Franz Kafka Letzte Briefe
      
      An Julie und Hermann Kafka 
      in Prag
      Kierling bei Wien, Sanatorium Dr. Hoffmann, 2. Juni 1924
      
      Liebste Eltern, also die Besuche, von denen Ihr manchmal schreibt. Ich 
      überlege es jeden Tag, denn es ist für mich eine sehr wichtige Sache. So 
      schön wäre es, so lange waren wir schon nicht beisammen, das Prager 
      Beisammensein rechne ich nicht, das war eine Wohnungsstörung, aber 
      friedlich paar Tage beisammenzusein, in einer schönen Gegend, allein, ich 
      erinnere mich gar nicht, wann das eigentlich war, einmal paar Stunden in 
      Franzensbad. Und dann »ein gutes Glas Bier« zusammentrinken, wie Ihr 
      schreibt, woraus ich sehe, dass der Vater vom Heurigen nicht viel hält, 
      worin ich ihm hinsichtlich des Bieres auch zustimme. Übrigens sind wir, 
      wie ich mich jetzt während der Hitzen öfters erinnere, schon einmal 
      regelmässig gemeinsame Biertrinker gewesen, vor vielen Jahren, wenn der 
      Vater auf die Civilschwimmschule mich mitnahm.
      
      Das und vieles andere spricht für den Besuch, aber zu viel spricht 
      dagegen. Nun erstens wird ja wahrscheinlich der Vater wegen der 
      Passschwierigkeiten nicht kommen können.

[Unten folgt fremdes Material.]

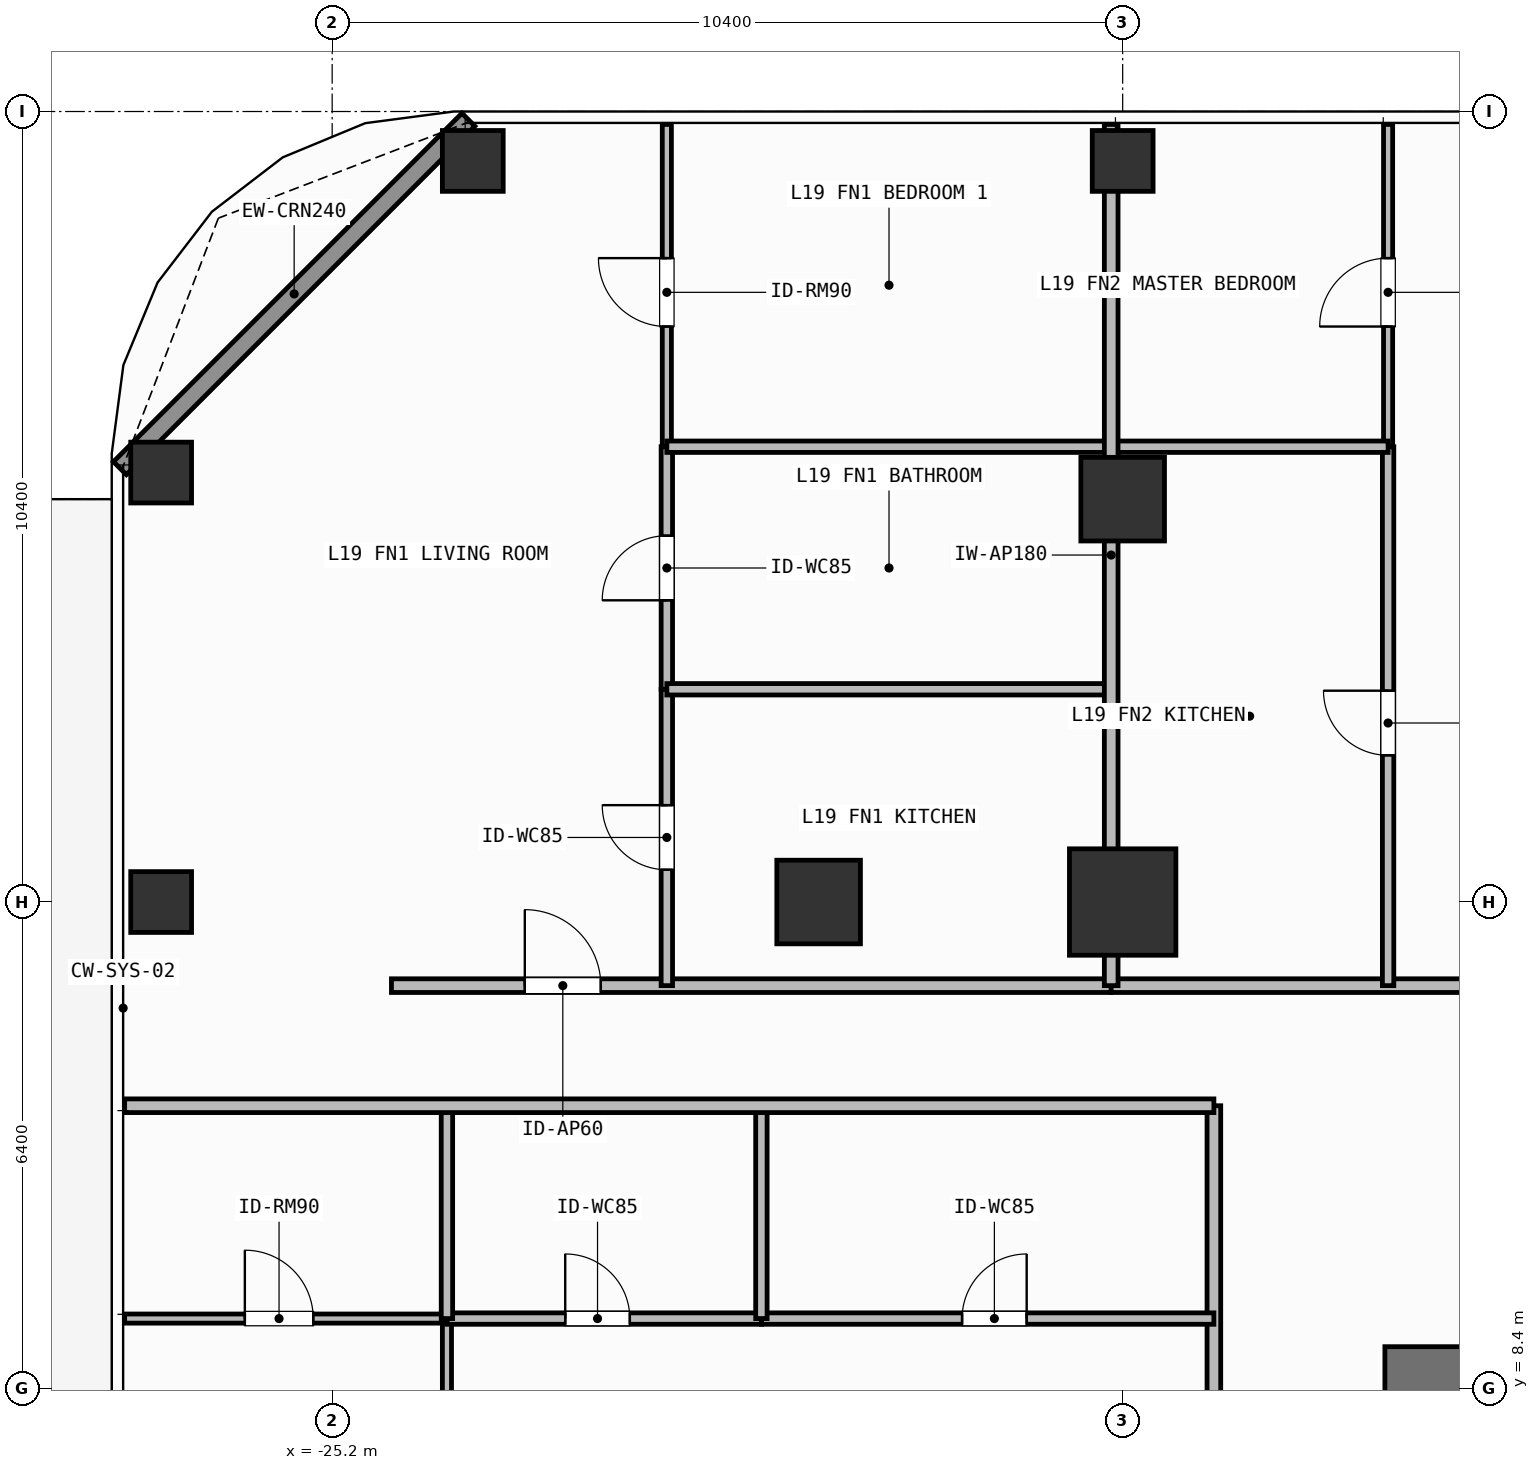
"""IFC4 building model, lengths in metres.
Left out: names, types, materials, properties, quantities, classifications, styles, units other than length and angle.
Written with IfcOpenShell. Run it as: python <this file> out.ifc"""

import sys

from ifc_helpers import new_model, si_unit, direction, frame, frame_2d, origin, origin_2d, place, context, subcontext, project, spatial, rectangle, hollow_rectangle, extrude, element, fill, save


model = new_model("IFC4")
c1 = context("Model", 3, precision=1e-05, world=origin(), true_north=direction((0.0, 1.0)))
c2 = subcontext(c1, "Body", "Model", "MODEL_VIEW")
j1 = project(units=[si_unit("LENGTHUNIT", "METRE"), si_unit("PLANEANGLEUNIT", "RADIAN")], contexts=[c1])
p1 = place(None, origin())
s1 = spatial("IfcSite", under=j1, at=p1, CompositionType="ELEMENT")
p2 = place(p1, origin())
s2 = spatial("IfcBuilding", under=s1, at=p2, CompositionType="ELEMENT")
p3 = place(p2, frame((0.0, 0.0, 73.5)))
s3 = spatial("IfcBuildingStorey", under=s2, at=p3, CompositionType="ELEMENT", Elevation=73.5)
p4 = place(p3, frame((-11.35, 8.4, 0.0), z_axis=(0.0, 0.0, 1.0), x_axis=(1.0, 0.0, 0.0)))
e1 = element("IfcWall", 1, at=p4, inside=s3, PredefinedType="SHEAR", context=c2, shape_type="SweptSolid", body=[
    extrude(rectangle(XDim=1.65, YDim=1.1, at=frame_2d((0.825, 0.0))), origin(), (0.0, 0.0, 1.0), 3.9),
])
p5 = place(p3, frame((-14.8, 14.8, 0.0), z_axis=(0.0, 0.0, 1.0), x_axis=(1.0, 0.0, 0.0)))
e2 = element("IfcColumn", 2, at=p5, inside=s3, PredefinedType="COLUMN", context=c2, shape_type="SweptSolid", body=[
    extrude(rectangle(XDim=1.4, YDim=1.4, at=origin_2d()), origin(), (0.0, 0.0, 1.0), 3.9),
])
for number, where, z_axis, x_axis in (
    (3, (-18.8, 14.8, 0.0), (0.0, 0.0, 1.0), (1.0, 0.0, 0.0)),
    (4, (-14.8, 20.1, 0.0), (0.0, 0.0, 1.0), (1.0, 0.0, 0.0)),
):
    element("IfcColumn", number, at=place(p3, frame(where, z_axis=z_axis, x_axis=x_axis)), inside=s3, PredefinedType="COLUMN", context=c2, shape_type="SweptSolid", body=[
        extrude(rectangle(XDim=1.1, YDim=1.1, at=origin_2d()), origin(), (0.0, 0.0, 1.0), 3.9),
    ])
for number, where, z_axis, x_axis in (
    (5, (-23.35, 24.55, 0.0), (0.0, 0.0, 1.0), (1.0, 0.0, 0.0)),
    (6, (-27.45, 20.45, 0.0), (0.0, 0.0, 1.0), (1.0, 0.0, 0.0)),
    (7, (-14.8, 24.55, 0.0), (0.0, 0.0, 1.0), (1.0, 0.0, 0.0)),
    (8, (-27.45, 14.8, 0.0), (0.0, 0.0, 1.0), (1.0, 0.0, 0.0)),
):
    element("IfcColumn", number, at=place(p3, frame(where, z_axis=z_axis, x_axis=x_axis)), inside=s3, PredefinedType="COLUMN", context=c2, shape_type="SweptSolid", body=[
        extrude(hollow_rectangle(XDim=0.8, YDim=0.8, WallThickness=0.036, at=origin_2d()), origin(), (0.0, 0.0, 1.0), 3.9),
    ])
p6 = place(p3, frame((-27.992, 20.508, 0.0), z_axis=(0.0, 0.0, 1.0), x_axis=(0.707106781187, 0.707106781187, 0.0)))
e9 = element("IfcWall", 9, at=p6, inside=s3, PredefinedType="SOLIDWALL", context=c2, shape_type="SweptSolid", body=[
    extrude(rectangle(XDim=6.484, YDim=0.24, at=frame_2d((3.242, 0.0))), origin(), (0.0, 0.0, 1.0), 3.6),
])
p7 = place(p3, frame((-24.42, 13.7, 0.0), z_axis=(0.0, 0.0, 1.0), x_axis=(1.0, 0.0, 0.0)))
e10 = element("IfcWall", 10, at=p7, inside=s3, PredefinedType="PARTITIONING", context=c2, shape_type="SweptSolid", body=[
    extrude(rectangle(XDim=9.469, YDim=0.18, at=frame_2d((4.734, 0.0))), origin(), (0.0, 0.0, 1.0), 3.6),
])
p8 = place(p7, frame((1.754, 0.0, 0.0)))
e11 = element("IfcOpeningElement", 11, at=p8, cuts=e10, PredefinedType="OPENING", context=c2, shape_type="SweptSolid", body=[
    extrude(rectangle(XDim=1.0, YDim=2.2, at=frame_2d((0.5, 1.1))), frame((0.0, 0.1, 0.0), z_axis=(0.0, -1.0, 0.0), x_axis=(1.0, 0.0, 0.0)), (0.0, 0.0, 1.0), 0.2),
])
p9 = place(p3, frame((-20.797, 13.7, 0.0), z_axis=(0.0, 0.0, 1.0), x_axis=(0.0, 1.0, 0.0)))
e12 = element("IfcWall", 12, at=p9, inside=s3, PredefinedType="PARTITIONING", context=c2, shape_type="SweptSolid", body=[
    extrude(rectangle(XDim=3.899, YDim=0.15, at=frame_2d((1.95, 0.0))), origin(), (0.0, 0.0, 1.0), 3.6),
])
p10 = place(p9, frame((1.524, 0.0, 0.0)))
e13 = element("IfcOpeningElement", 13, at=p10, cuts=e12, PredefinedType="OPENING", context=c2, shape_type="SweptSolid", body=[
    extrude(rectangle(XDim=0.85, YDim=2.1, at=frame_2d((0.425, 1.05))), frame((0.0, 0.085, 0.0), z_axis=(0.0, -1.0, 0.0), x_axis=(1.0, 0.0, 0.0)), (0.0, 0.0, 1.0), 0.17),
])
p11 = place(p3, frame((-20.797, 17.599, 0.0), z_axis=(0.0, 0.0, 1.0), x_axis=(0.0, 1.0, 0.0)))
e14 = element("IfcWall", 14, at=p11, inside=s3, PredefinedType="PARTITIONING", context=c2, shape_type="SweptSolid", body=[
    extrude(rectangle(XDim=3.191, YDim=0.15, at=frame_2d((1.595, 0.0))), origin(), (0.0, 0.0, 1.0), 3.6),
])
p12 = place(p11, frame((1.17, 0.0, 0.0)))
e15 = element("IfcOpeningElement", 15, at=p12, cuts=e14, PredefinedType="OPENING", context=c2, shape_type="SweptSolid", body=[
    extrude(rectangle(XDim=0.85, YDim=2.1, at=frame_2d((0.425, 1.05))), frame((0.0, 0.085, 0.0), z_axis=(0.0, -1.0, 0.0), x_axis=(1.0, 0.0, 0.0)), (0.0, 0.0, 1.0), 0.17),
])
p13 = place(p3, frame((-20.797, 20.79, 0.0), z_axis=(0.0, 0.0, 1.0), x_axis=(0.0, 1.0, 0.0)))
e16 = element("IfcWall", 16, at=p13, inside=s3, PredefinedType="PARTITIONING", context=c2, shape_type="SweptSolid", body=[
    extrude(rectangle(XDim=4.24, YDim=0.12, at=frame_2d((2.12, 0.0))), origin(), (0.0, 0.0, 1.0), 3.6),
])
p14 = place(p13, frame((1.581, 0.0, 0.0)))
e17 = element("IfcOpeningElement", 17, at=p14, cuts=e16, PredefinedType="OPENING", context=c2, shape_type="SweptSolid", body=[
    extrude(rectangle(XDim=0.9, YDim=2.1, at=frame_2d((0.45, 1.05))), frame((0.0, 0.07, 0.0), z_axis=(0.0, -1.0, 0.0), x_axis=(1.0, 0.0, 0.0)), (0.0, 0.0, 1.0), 0.14),
])
p15 = place(p3, frame((-14.951, 13.7, 0.0), z_axis=(0.0, 0.0, 1.0), x_axis=(1.0, 0.0, 0.0)))
e18 = element("IfcWall", 18, at=p15, inside=s3, PredefinedType="PARTITIONING", context=c2, shape_type="SweptSolid", body=[
    extrude(rectangle(XDim=12.051, YDim=0.18, at=frame_2d((6.025, 0.0))), origin(), (0.0, 0.0, 1.0), 3.6),
])
p16 = place(p15, frame((5.704, 0.0, 0.0)))
e19 = element("IfcOpeningElement", 19, at=p16, cuts=e18, PredefinedType="OPENING", context=c2, shape_type="SweptSolid", body=[
    extrude(rectangle(XDim=1.0, YDim=2.2, at=frame_2d((0.5, 1.1))), frame((0.0, 0.1, 0.0), z_axis=(0.0, -1.0, 0.0), x_axis=(1.0, 0.0, 0.0)), (0.0, 0.0, 1.0), 0.2),
])
p17 = place(p3, frame((-11.308, 13.7, 0.0), z_axis=(0.0, 0.0, 1.0), x_axis=(0.0, 1.0, 0.0)))
e20 = element("IfcWall", 20, at=p17, inside=s3, PredefinedType="PARTITIONING", context=c2, shape_type="SweptSolid", body=[
    extrude(rectangle(XDim=7.09, YDim=0.15, at=frame_2d((3.545, 0.0))), origin(), (0.0, 0.0, 1.0), 3.29),
])
p18 = place(p17, frame((3.03, 0.0, 0.0)))
e21 = element("IfcOpeningElement", 21, at=p18, cuts=e20, PredefinedType="OPENING", context=c2, shape_type="SweptSolid", body=[
    extrude(rectangle(XDim=0.85, YDim=2.1, at=frame_2d((0.425, 1.05))), frame((0.0, 0.085, 0.0), z_axis=(0.0, -1.0, 0.0), x_axis=(1.0, 0.0, 0.0)), (0.0, 0.0, 1.0), 0.17),
])
p19 = place(p3, frame((-11.308, 20.79, 0.0), z_axis=(0.0, 0.0, 1.0), x_axis=(0.0, 1.0, 0.0)))
e22 = element("IfcWall", 22, at=p19, inside=s3, PredefinedType="PARTITIONING", context=c2, shape_type="SweptSolid", body=[
    extrude(rectangle(XDim=4.24, YDim=0.12, at=frame_2d((2.12, 0.0))), origin(), (0.0, 0.0, 1.0), 3.29),
])
p20 = place(p19, frame((1.581, 0.0, 0.0)))
e23 = element("IfcOpeningElement", 23, at=p20, cuts=e22, PredefinedType="OPENING", context=c2, shape_type="SweptSolid", body=[
    extrude(rectangle(XDim=0.9, YDim=2.1, at=frame_2d((0.45, 1.05))), frame((0.0, 0.07, 0.0), z_axis=(0.0, -1.0, 0.0), x_axis=(1.0, 0.0, 0.0)), (0.0, 0.0, 1.0), 0.14),
])
p21 = place(p3, frame((-13.6, -0.873, 0.0), z_axis=(0.0, 0.0, 1.0), x_axis=(0.0, 1.0, 0.0)))
e24 = element("IfcWall", 24, at=p21, inside=s3, PredefinedType="PARTITIONING", context=c2, shape_type="SweptSolid", body=[
    extrude(rectangle(XDim=12.993, YDim=0.18, at=frame_2d((6.497, 0.0))), origin(), (0.0, 0.0, 1.0), 3.6),
])
p22 = place(p21, frame((6.446, 0.0, 0.0)))
e25 = element("IfcOpeningElement", 25, at=p22, cuts=e24, PredefinedType="OPENING", context=c2, shape_type="SweptSolid", body=[
    extrude(rectangle(XDim=1.0, YDim=2.2, at=frame_2d((0.5, 1.1))), frame((0.0, 0.1, 0.0), z_axis=(0.0, -1.0, 0.0), x_axis=(1.0, 0.0, 0.0)), (0.0, 0.0, 1.0), 0.2),
])
p23 = place(p3, frame((-23.69, 3.097, 0.0), z_axis=(0.0, 0.0, 1.0), x_axis=(0.0, 1.0, 0.0)))
e26 = element("IfcWall", 26, at=p23, inside=s3, PredefinedType="PARTITIONING", context=c2, shape_type="SweptSolid", body=[
    extrude(rectangle(XDim=6.223, YDim=0.12, at=frame_2d((3.112, 0.0))), origin(), (0.0, 0.0, 1.0), 3.6),
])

Das nimmt natürlich dem Besuch 
      einen grossen Teil seines Sinnes, vor allem aber wird dadurch die Mutter, 
      von wem immer sie auch sonst begleitet sei, allzusehr auf mich hingeleitet 
      sein, auf mich verwiesen sein und ich bin noch immer nicht sehr schön, gar 
      nicht sehenswert. Die Schwierigkeiten der ersten Zeit hier um und in Wien 
      kennt Ihr, sie haben mich etwas heruntergebracht; sie verhinderten ein 
      schnelles Hinuntergehn des Fiebers, das an meiner weitern Schwächung 
      arbeitete; die Überraschung der Kehlkopfsache schwächte in der ersten Zeit 
      mehr, als sachlich ihr zukam – erst jetzt arbeite ich mich mit der in der 
      Ferne völlig unvorstellbaren Hilfe von Dora und Robert (was wäre ich ohne 
      sie!) aus allen diesen Schwächungen hinaus. Störungen gibt es auch jetzt, 
      so z.B. ein noch nicht ganz überwundener Darmkathar aus den letzten Tagen. 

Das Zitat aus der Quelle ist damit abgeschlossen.